KNN model shows the best score in the my model, and next goes to Support Vector Machines

## 7. Creating Submission file

In [None]:
#set ids as PassengerId and predict survival 
ids = test['PassengerId']
predictions = rf_cv.predict(test.drop('PassengerId', axis=1))
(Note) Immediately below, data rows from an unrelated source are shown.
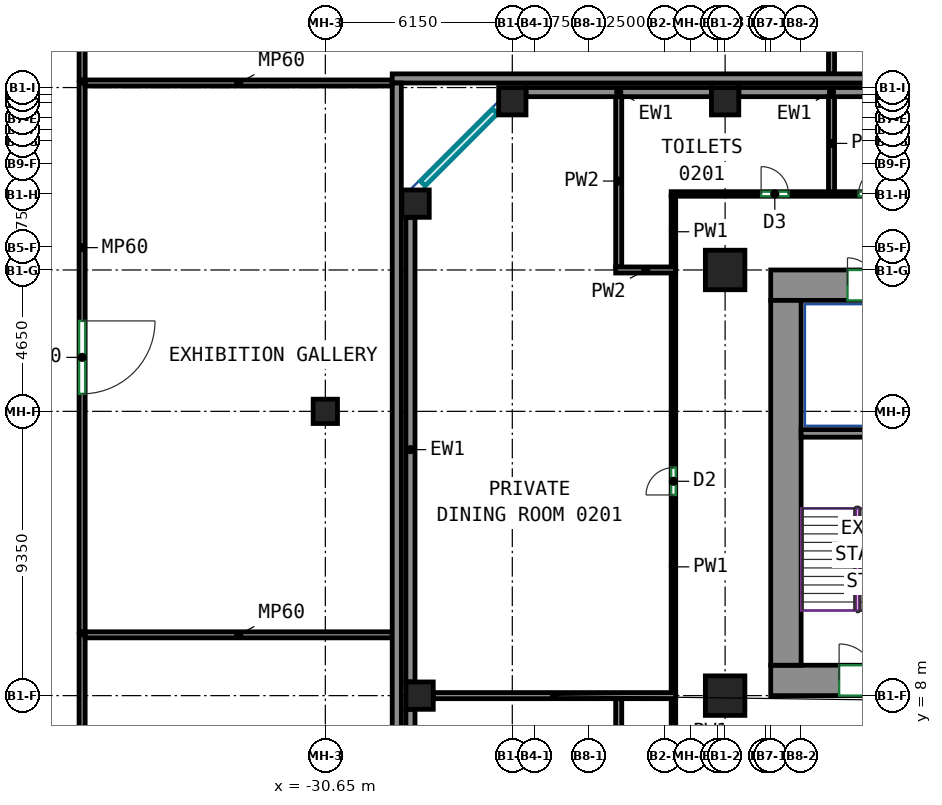
"""IFC4 building model, lengths in metres.
Left out: names, types, materials, properties, quantities, classifications, styles, units other than length and angle.
Written with IfcOpenShell. Run it as: python <this file> out.ifc"""

import sys

from ifc_helpers import new_model, si_unit, direction, frame, frame_2d, origin, origin_2d, place, context, subcontext, project, spatial, rectangle, extrude, source, transform, mapped, element, fill, save


model = new_model("IFC4")
c1 = context("Model", 3, precision=1e-05, world=origin(), true_north=direction((0.0, 1.0)))
c2 = subcontext(c1, "Body", "Model", "MODEL_VIEW")
j1 = project(units=[si_unit("LENGTHUNIT", "METRE"), si_unit("PLANEANGLEUNIT", "RADIAN")], contexts=[c1])
p1 = place(None, origin())
s1 = spatial("IfcSite", under=j1, at=p1, CompositionType="ELEMENT")
p2 = place(p1, origin())
s2 = spatial("IfcBuilding", under=s1, at=p2, CompositionType="ELEMENT")
p3 = place(p2, frame((0.0, 0.0, 13.5)))
s3 = spatial("IfcBuildingStorey", under=s2, at=p3, CompositionType="ELEMENT", Elevation=13.5)
m1 = source(origin(), c2, "Body", "SweptSolid", [
    extrude(rectangle(XDim=0.9, YDim=0.9, at=origin_2d()), origin(), (0.0, 0.0, 1.0), 4.1),
])
for number, where, z_axis, x_axis in (
    (1, (-27.682, 24.182, 0.0), (0.0, 0.0, 1.0), (1.0, 0.0, 0.0)),
    (2, (-27.55, 8.0, 0.0), (0.0, 0.0, 1.0), (1.0, 0.0, 0.0)),
    (3, (-24.5, 27.55, 0.0), (0.0, 0.0, 1.0), (1.0, 0.0, 0.0)),
):
    element("IfcColumn", number, at=place(p3, frame(where, z_axis=z_axis, x_axis=x_axis)), inside=s3, PredefinedType="COLUMN", context=c2, shape_type="MappedRepresentation", body=[
        mapped(m1, transform((0.0, 0.0, 0.0))),
    ])
m2 = source(origin(), c2, "Body", "SweptSolid", [
    extrude(rectangle(XDim=1.3, YDim=1.3, at=origin_2d()), origin(), (0.0, 0.0, 1.0), 4.1),
])
for number, where, z_axis, x_axis in (
    (4, (-17.5, 8.0, 0.0), (0.0, 0.0, 1.0), (1.0, 0.0, 0.0)),
    (5, (-17.5, 22.0, 0.0), (0.0, 0.0, 1.0), (1.0, 0.0, 0.0)),
):
    element("IfcColumn", number, at=place(p3, frame(where, z_axis=z_axis, x_axis=x_axis)), inside=s3, PredefinedType="COLUMN", context=c2, shape_type="MappedRepresentation", body=[
        mapped(m2, transform((0.0, 0.0, 0.0))),
    ])
p4 = place(p3, frame((-17.5, 27.55, 0.0), z_axis=(0.0, 0.0, 1.0), x_axis=(1.0, 0.0, 0.0)))
e6 = element("IfcColumn", 6, at=p4, inside=s3, PredefinedType="COLUMN", context=c2, shape_type="MappedRepresentation", body=[
    mapped(m1, transform((0.0, 0.0, 0.0))),
])
m3 = source(origin(), c2, "Body", "SweptSolid", [
    extrude(rectangle(XDim=5.63, YDim=1.0, at=frame_2d((2.815, 0.0))), origin(), (0.0, 0.0, 1.0), 4.1),
])
p5 = place(p3, frame((-16.0, 8.5, 0.0), z_axis=(0.0, 0.0, 1.0), x_axis=(1.0, 0.0, 0.0)))
e7 = element("IfcWall", 7, at=p5, inside=s3, PredefinedType="SHEAR", context=c2, shape_type="MappedRepresentation", body=[
    mapped(m3, transform((0.0, 0.0, 0.0))),
])
p6 = place(p5, frame((2.25, 0.0, 0.0)))
e8 = element("IfcOpeningElement", 8, at=p6, cuts=e7, PredefinedType="OPENING", context=c2, shape_type="SweptSolid", body=[
    extrude(rectangle(XDim=1.2, YDim=2.1, at=frame_2d((0.6, 1.05))), frame((0.0, 0.51, 0.0), z_axis=(0.0, -1.0, 0.0), x_axis=(1.0, 0.0, 0.0)), (0.0, 0.0, 1.0), 1.02),
])
m4 = source(origin(), c2, "Body", "SweptSolid", [
    extrude(rectangle(XDim=34.1, YDim=1.0, at=frame_2d((17.05, 0.0))), origin(), (0.0, 0.0, 1.0), 4.1),
])
p7 = place(p3, frame((-16.0, 21.5, 0.0), z_axis=(0.0, 0.0, 1.0), x_axis=(1.0, 0.0, 0.0)))
e9 = element("IfcWall", 9, at=p7, inside=s3, PredefinedType="SHEAR", context=c2, shape_type="MappedRepresentation", body=[
    mapped(m4, transform((0.0, 0.0, 0.0))),
])
p8 = place(p7, frame((6.108, 0.0, 0.0)))
e10 = element("IfcOpeningElement", 10, at=p8, cuts=e9, PredefinedType="OPENING", context=c2, shape_type="SweptSolid", body=[
    extrude(rectangle(XDim=0.9, YDim=2.1, at=frame_2d((0.45, 1.05))), frame((0.0, 0.51, 0.0), z_axis=(0.0, -1.0, 0.0), x_axis=(1.0, 0.0, 0.0)), (0.0, 0.0, 1.0), 1.02),
])
p9 = place(p7, frame((11.173, 0.0, 0.0)))
e11 = element("IfcOpeningElement", 11, at=p9, cuts=e9, PredefinedType="OPENING", context=c2, shape_type="SweptSolid", body=[
    extrude(rectangle(XDim=0.9, YDim=2.1, at=frame_2d((0.45, 1.05))), frame((0.0, 0.51, 0.0), z_axis=(0.0, -1.0, 0.0), x_axis=(1.0, 0.0, 0.0)), (0.0, 0.0, 1.0), 1.02),
])
p10 = place(p7, frame((16.238, 0.0, 0.0)))
e12 = element("IfcOpeningElement", 12, at=p10, cuts=e9, PredefinedType="OPENING", context=c2, shape_type="SweptSolid", body=[
    extrude(rectangle(XDim=0.9, YDim=2.1, at=frame_2d((0.45, 1.05))), frame((0.0, 0.51, 0.0), z_axis=(0.0, -1.0, 0.0), x_axis=(1.0, 0.0, 0.0)), (0.0, 0.0, 1.0), 1.02),
])
p11 = place(p7, frame((21.062, 0.0, 0.0)))
e13 = element("IfcOpeningElement", 13, at=p11, cuts=e9, PredefinedType="OPENING", context=c2, shape_type="SweptSolid", body=[
    extrude(rectangle(XDim=0.9, YDim=2.1, at=frame_2d((0.45, 1.05))), frame((0.0, 0.51, 0.0), z_axis=(0.0, -1.0, 0.0), x_axis=(1.0, 0.0, 0.0)), (0.0, 0.0, 1.0), 1.02),
])
p12 = place(p7, frame((26.489, 0.0, 0.0)))
e14 = element("IfcOpeningElement", 14, at=p12, cuts=e9, PredefinedType="OPENING", context=c2, shape_type="SweptSolid", body=[
    extrude(rectangle(XDim=0.9, YDim=2.1, at=frame_2d((0.45, 1.05))), frame((0.0, 0.51, 0.0), z_axis=(0.0, -1.0, 0.0), x_axis=(1.0, 0.0, 0.0)), (0.0, 0.0, 1.0), 1.02),
])
p13 = place(p7, frame((2.525, 0.0, 0.0)))
e15 = element("IfcOpeningElement", 15, at=p13, cuts=e9, PredefinedType="OPENING", context=c2, shape_type="SweptSolid", body=[
    extrude(rectangle(XDim=0.9, YDim=2.1, at=frame_2d((0.45, 1.05))), frame((0.0, 0.51, 0.0), z_axis=(0.0, -1.0, 0.0), x_axis=(1.0, 0.0, 0.0)), (0.0, 0.0, 1.0), 1.02),
])
p14 = place(p7, frame((30.675, 0.0, 0.0)))
e16 = element("IfcOpeningElement", 16, at=p14, cuts=e9, PredefinedType="OPENING", context=c2, shape_type="SweptSolid", body=[
    extrude(rectangle(XDim=0.9, YDim=2.1, at=frame_2d((0.45, 1.05))), frame((0.0, 0.51, 0.0), z_axis=(0.0, -1.0, 0.0), x_axis=(1.0, 0.0, 0.0)), (0.0, 0.0, 1.0), 1.02),
])
m5 = source(origin(), c2, "Body", "SweptSolid", [
    extrude(rectangle(XDim=12.0, YDim=1.0, at=frame_2d((6.0, 0.0))), origin(), (0.0, 0.0, 1.0), 4.1),
])
p15 = place(p3, frame((-15.5, 9.0, 0.0), z_axis=(0.0, 0.0, 1.0), x_axis=(0.0, 1.0, 0.0)))
e17 = element("IfcWall", 17, at=p15, inside=s3, PredefinedType="SHEAR", context=c2, shape_type="MappedRepresentation", body=[
    mapped(m5, transform((0.0, 0.0, 0.0))),
])
m6 = source(origin(), c2, "Body", "SweptSolid", [
    extrude(rectangle(XDim=3.7, YDim=0.25, at=frame_2d((1.85, 0.0))), origin(), (0.0, 0.0, 1.0), 4.1),
])
p16 = place(p3, frame((-15.0, 16.625, 0.0), z_axis=(0.0, 0.0, 1.0), x_axis=(1.0, 0.0, 0.0)))
e18 = element("IfcWall", 18, at=p16, inside=s3, PredefinedType="SHEAR", context=c2, shape_type="MappedRepresentation", body=[
    mapped(m6, transform((0.0, 0.0, 0.0))),
])
m7 = source(origin(), c2, "Body", "SweptSolid", [
    extrude(rectangle(XDim=0.8, YDim=0.8, at=origin_2d()), origin(), (0.0, 0.0, 1.0), 4.1),
])
p17 = place(p3, frame((-30.65, 17.35, 0.0), z_axis=(0.0, 0.0, 1.0), x_axis=(1.0, 0.0, 0.0)))
e19 = element("IfcColumn", 19, at=p17, inside=s3, PredefinedType="COLUMN", context=c2, shape_type="MappedRepresentation", body=[
    mapped(m7, transform((0.0, 0.0, 0.0))),
])
m8 = source(origin(), c2, "Body", "SweptSolid", [
    extrude(rectangle(XDim=6.1, YDim=0.3, at=frame_2d((3.05, 0.0))), origin(), (0.0, 0.0, 1.0), 4.1),
])
for number, where, z_axis, x_axis in (
    (20, (-10.95, 27.85, 0.0), (0.0, 0.0, 1.0), (-1.0, 0.0, 0.0)),
    (21, (-17.95, 27.85, 0.0), (0.0, 0.0, 1.0), (-1.0, 0.0, 0.0)),
):
    element("IfcWall", number, at=place(p3, frame(where, z_axis=z_axis, x_axis=x_axis)), inside=s3, PredefinedType="SOLIDWALL", context=c2, shape_type="MappedRepresentation", body=[
        mapped(m8, transform((0.0, 0.0, 0.0))),
    ])
m9 = source(origin(), c2, "Body", "SweptSolid", [
    extrude(rectangle(XDim=15.282, YDim=0.3, at=frame_2d((7.641, 0.0))), origin(), (0.0, 0.0, 1.0), 4.1),
])
p18 = place(p3, frame((-27.85, 23.732, 0.0), z_axis=(0.0, 0.0, 1.0), x_axis=(0.0, -1.0, 0.0)))
e22 = element("IfcWall", 22, at=p18, inside=s3, PredefinedType="SOLIDWALL", context=c2, shape_type="MappedRepresentation", body=[
    mapped(m9, transform((0.0, 0.0, 0.0))),
])
m10 = source(origin(), c2, "Body", "SweptSolid", [
    extrude(rectangle(XDim=8.1, YDim=0.3, at=frame_2d((4.05, 0.0))), origin(), (0.0, 0.0, 1.0), 4.1),
])
p19 = place(p3, frame((-27.85, 7.55, 0.0), z_axis=(0.0, 0.0, 1.0), x_axis=(0.0, -1.0, 0.0)))
e23 = element("IfcWall", 23, at=p19, inside=s3, PredefinedType="SOLIDWALL", context=c2, shape_type="MappedRepresentation", body=[
    mapped(m10, transform((0.0, 0.0, 0.0))),
])
m11 = source(origin(), c2, "Body", "SweptSolid", [
    extrude(rectangle(XDim=56.3, YDim=0.3, at=frame_2d((28.15, 0.0))), origin(), (0.0, 0.0, 1.0), 4.1),
])
p20 = place(p3, frame((27.85, 28.3, 0.0), z_axis=(0.0, 0.0, 1.0), x_axis=(-1.0, 0.0, 0.0)))
e24 = element("IfcWall", 24, at=p20, inside=s3, PredefinedType="SOLIDWALL", context=c2, shape_type="MappedRepresentation", body=[
    mapped(m11, transform((0.0, 0.0, 0.0))),
])
m12 = source(origin(), c2, "Body", "SweptSolid", [
    extrude(rectangle(XDim=56.3, YDim=0.3, at=frame_2d((28.15, 0.0))), origin(), (0.0, 0.0, 1.0), 4.1),
])
p21 = place(p3, frame((-28.3, 28.15, 0.0), z_axis=(0.0, 0.0, 1.0), x_axis=(0.0, -1.0, 0.0)))
e25 = element("IfcWall", 25, at=p21, inside=s3, PredefinedType="SOLIDWALL", context=c2, shape_type="MappedRepresentation", body=[
    mapped(m12, transform((0.0, 0.0, 0.0))),
])
p22 = place(p3, frame((-19.2, 8.09, 0.0), z_axis=(0.0, 0.0, 1.0), x_axis=(0.0, 1.0, 0.0)))
e26 = element("IfcWall", 26, at=p22, inside=s3, PredefinedType="PARTITIONING", context=c2, shape_type="SweptSolid", body=[
    extrude(rectangle(XDim=13.82, YDim=0.15, at=frame_2d((6.91, 0.0))), origin(), (0.0, 0.0, 1.0), 4.1),
])
p23 = place(p22, frame((6.51, 0.0, 0.0)))
e27 = element("IfcOpeningElement", 27, at=p23, cuts=e26, PredefinedType="OPENING", context=c2, shape_type="SweptSolid", body=[
    extrude(rectangle(XDim=0.9, YDim=2.1, at=frame_2d((0.45, 1.05))), frame((0.0, 0.085, 0.0), z_axis=(0.0, -1.0, 0.0), x_axis=(1.0, 0.0, 0.0)), (0.0, 0.0, 1.0), 0.17),
])
p24 = place(p3, frame((-19.2, 22.09, 0.0), z_axis=(0.0, 0.0, 1.0), x_axis=(0.0, 1.0, 0.0)))
e28 = element("IfcWall", 28, at=p24, inside=s3, PredefinedType="PARTITIONING", context=c2, shape_type="SweptSolid", body=[
    extrude(rectangle(XDim=2.335, YDim=0.15, at=frame_2d((1.167, 0.0))), origin(), (0.0, 0.0, 1.0), 4.1),
])
p25 = place(p3, frame((-19.275, 24.5, 0.0), z_axis=(0.0, 0.0, 1.0), x_axis=(1.0, 0.0, 0.0)))
e29 = element("IfcWall", 29, at=p25, inside=s3, PredefinedType="PARTITIONING", context=c2, shape_type="SweptSolid", body=[
    extrude(rectangle(XDim=40.35, YDim=0.15, at=frame_2d((20.175, 0.0))), origin(), (0.0, 0.0, 1.0), 3.45),
])
p26 = place(p25, frame((2.959, 0.0, 0.0)))
e30 = element("IfcOpeningElement", 30, at=p26, cuts=e29, PredefinedType="OPENING", context=c2, shape_type="SweptSolid", body=[
    extrude(rectangle(XDim=0.9, YDim=2.1, at=frame_2d((0.45, 1.05))), frame((0.0, 0.085, 0.0), z_axis=(0.0, -1.0, 0.0), x_axis=(1.0, 0.0, 0.0)), (0.0, 0.0, 1.0), 0.17),
])
p27 = place(p25, frame((6.167, 0.0, 0.0)))
e31 = element("IfcOpeningElement", 31, at=p27, cuts=e29, PredefinedType="OPENING", context=c2, shape_type="SweptSolid", body=[
    extrude(rectangle(XDim=0.9, YDim=2.1, at=frame_2d((0.45, 1.05))), frame((0.0, 0.085, 0.0), z_axis=(0.0, -1.0, 0.0), x_axis=(1.0, 0.0, 0.0)), (0.0, 0.0, 1.0), 0.17),
])
p28 = place(p25, frame((16.969, 0.0, 0.0)))
e32 = element("IfcOpeningElement", 32, at=p28, cuts=e29, PredefinedType="OPENING", context=c2, shape_type="SweptSolid", body=[
    extrude(rectangle(XDim=0.9, YDim=2.1, at=frame_2d((0.45, 1.05))), frame((0.0, 0.085, 0.0), z_axis=(0.0, -1.0, 0.0), x_axis=(1.0, 0.0, 0.0)), (0.0, 0.0, 1.0), 0.17),
])
p29 = place(p25, frame((24.268, 0.0, 0.0)))
e33 = element("IfcOpeningElement", 33, at=p29, cuts=e29, PredefinedType="OPENING", context=c2, shape_type="SweptSolid", body=[
    extrude(rectangle(XDim=0.9, YDim=2.1, at=frame_2d((0.45, 1.05))), frame((0.0, 0.085, 0.0), z_axis=(0.0, -1.0, 0.0), x_axis=(1.0, 0.0, 0.0)), (0.0, 0.0, 1.0), 0.17),
])
p30 = place(p25, frame((36.315, 0.0, 0.0)))
e34 = element("IfcOpeningElement", 34, at=p30, cuts=e29, PredefinedType="OPENING", context=c2, shape_type="SweptSolid", body=[
    extrude(rectangle(XDim=1.8, YDim=2.1, at=frame_2d((0.9, 1.05))), frame((0.0, 0.085, 0.0), z_axis=(0.0, -1.0, 0.0), x_axis=(1.0, 0.0, 0.0)), (0.0, 0.0, 1.0), 0.17),
])
p31 = place(p3, frame((-19.2, 5.675, 0.0), z_axis=(0.0, 0.0, 1.0), x_axis=(0.0, 1.0, 0.0)))
e35 = element("IfcWall", 35, at=p31, inside=s3, PredefinedType="PARTITIONING", context=c2, shape_type="SweptSolid", body=[
    extrude(rectangle(XDim=2.235, YDim=0.15, at=frame_2d((1.117, 0.0))), origin(), (0.0, 0.0, 1.0), 4.1),
])
p32 = place(p3, frame((-27.1, 8.0, 0.0), z_axis=(0.0, 0.0, 1.0), x_axis=(1.0, 0.0, 0.0)))
e36 = element("IfcWall", 36, at=p32, inside=s3, PredefinedType="PARTITIONING", context=c2, shape_type="SweptSolid", body=[
    extrude(rectangle(XDim=7.974, YDim=0.2, at=frame_2d((3.987, 0.0))), origin(), (0.0, 0.0, 1.0), 3.45),
])
p33 = place(p3, frame((-21.0, -0.898, 0.0), z_axis=(0.0, 0.0, 1.0), x_axis=(0.0, 1.0, 0.0)))
e37 = element("IfcWall", 37, at=p33, inside=s3, PredefinedType="PARTITIONING", context=c2, shape_type="SweptSolid", body=[
    extrude(rectangle(XDim=8.798, YDim=0.2, at=frame_2d((4.399, 0.0))), origin(), (0.0, 0.0, 1.0), 4.1),
])
p34 = place(p3, frame((-21.0, 22.1, 0.0), z_axis=(0.0, 0.0, 1.0), x_axis=(0.0, 1.0, 0.0)))
e38 = element("IfcWall", 38, at=p34, inside=s3, PredefinedType="PARTITIONING", context=c2, shape_type="SweptSolid", body=[
    extrude(rectangle(XDim=5.65, YDim=0.2, at=frame_2d((2.825, 0.0))), origin(), (0.0, 0.0, 1.0), 4.1),
])
p35 = place(p3, frame((-19.126, 22.0, 0.0), z_axis=(0.0, 0.0, 1.0), x_axis=(-1.0, 0.0, 0.0)))
e39 = element("IfcWall", 39, at=p35, inside=s3, PredefinedType="PARTITIONING", context=c2, shape_type="SweptSolid", body=[
    extrude(rectangle(XDim=1.974, YDim=0.2, at=frame_2d((0.987, 0.0))), origin(), (0.0, 0.0, 1.0), 4.1),
])
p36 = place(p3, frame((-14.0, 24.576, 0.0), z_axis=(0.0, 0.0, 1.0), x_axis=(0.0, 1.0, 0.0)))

#set the output as a dataframe and convert to csv file named submission.csv
output = pd.DataFrame({ 'PassengerId' : ids, 'Survived': predictions })
output.to_csv('submission.csv', index=False)

### Closing
모델의 여부는 똑같앗지만 22프로의 세팅으로 했던 레퍼런스 케이스와는 다르게 모델 값이 나와져 있다.  
SKL learn 머신러닝의 모델을 공부하는것으로 통해 무엇때문에 서로 다른 결과값을 가지게 되었는지 알아 볼수 있을것 같다.  
또한 왜 영유아가 가장 많은 서바이벌 수를 가졌는지를 좀더 깊게 분석해본다면,  
social economic level 의 사람들과 연관이 되어 있다던지, 가족수가 1자녀 혹은 2자녀에서 높았던것 처럼  
아이를 살리기 위해 가족 구성원이 혼자 온 사람보다 더 많이 살게 되었는지에 대한 연관성이 찾아 지지 않을까 싶다.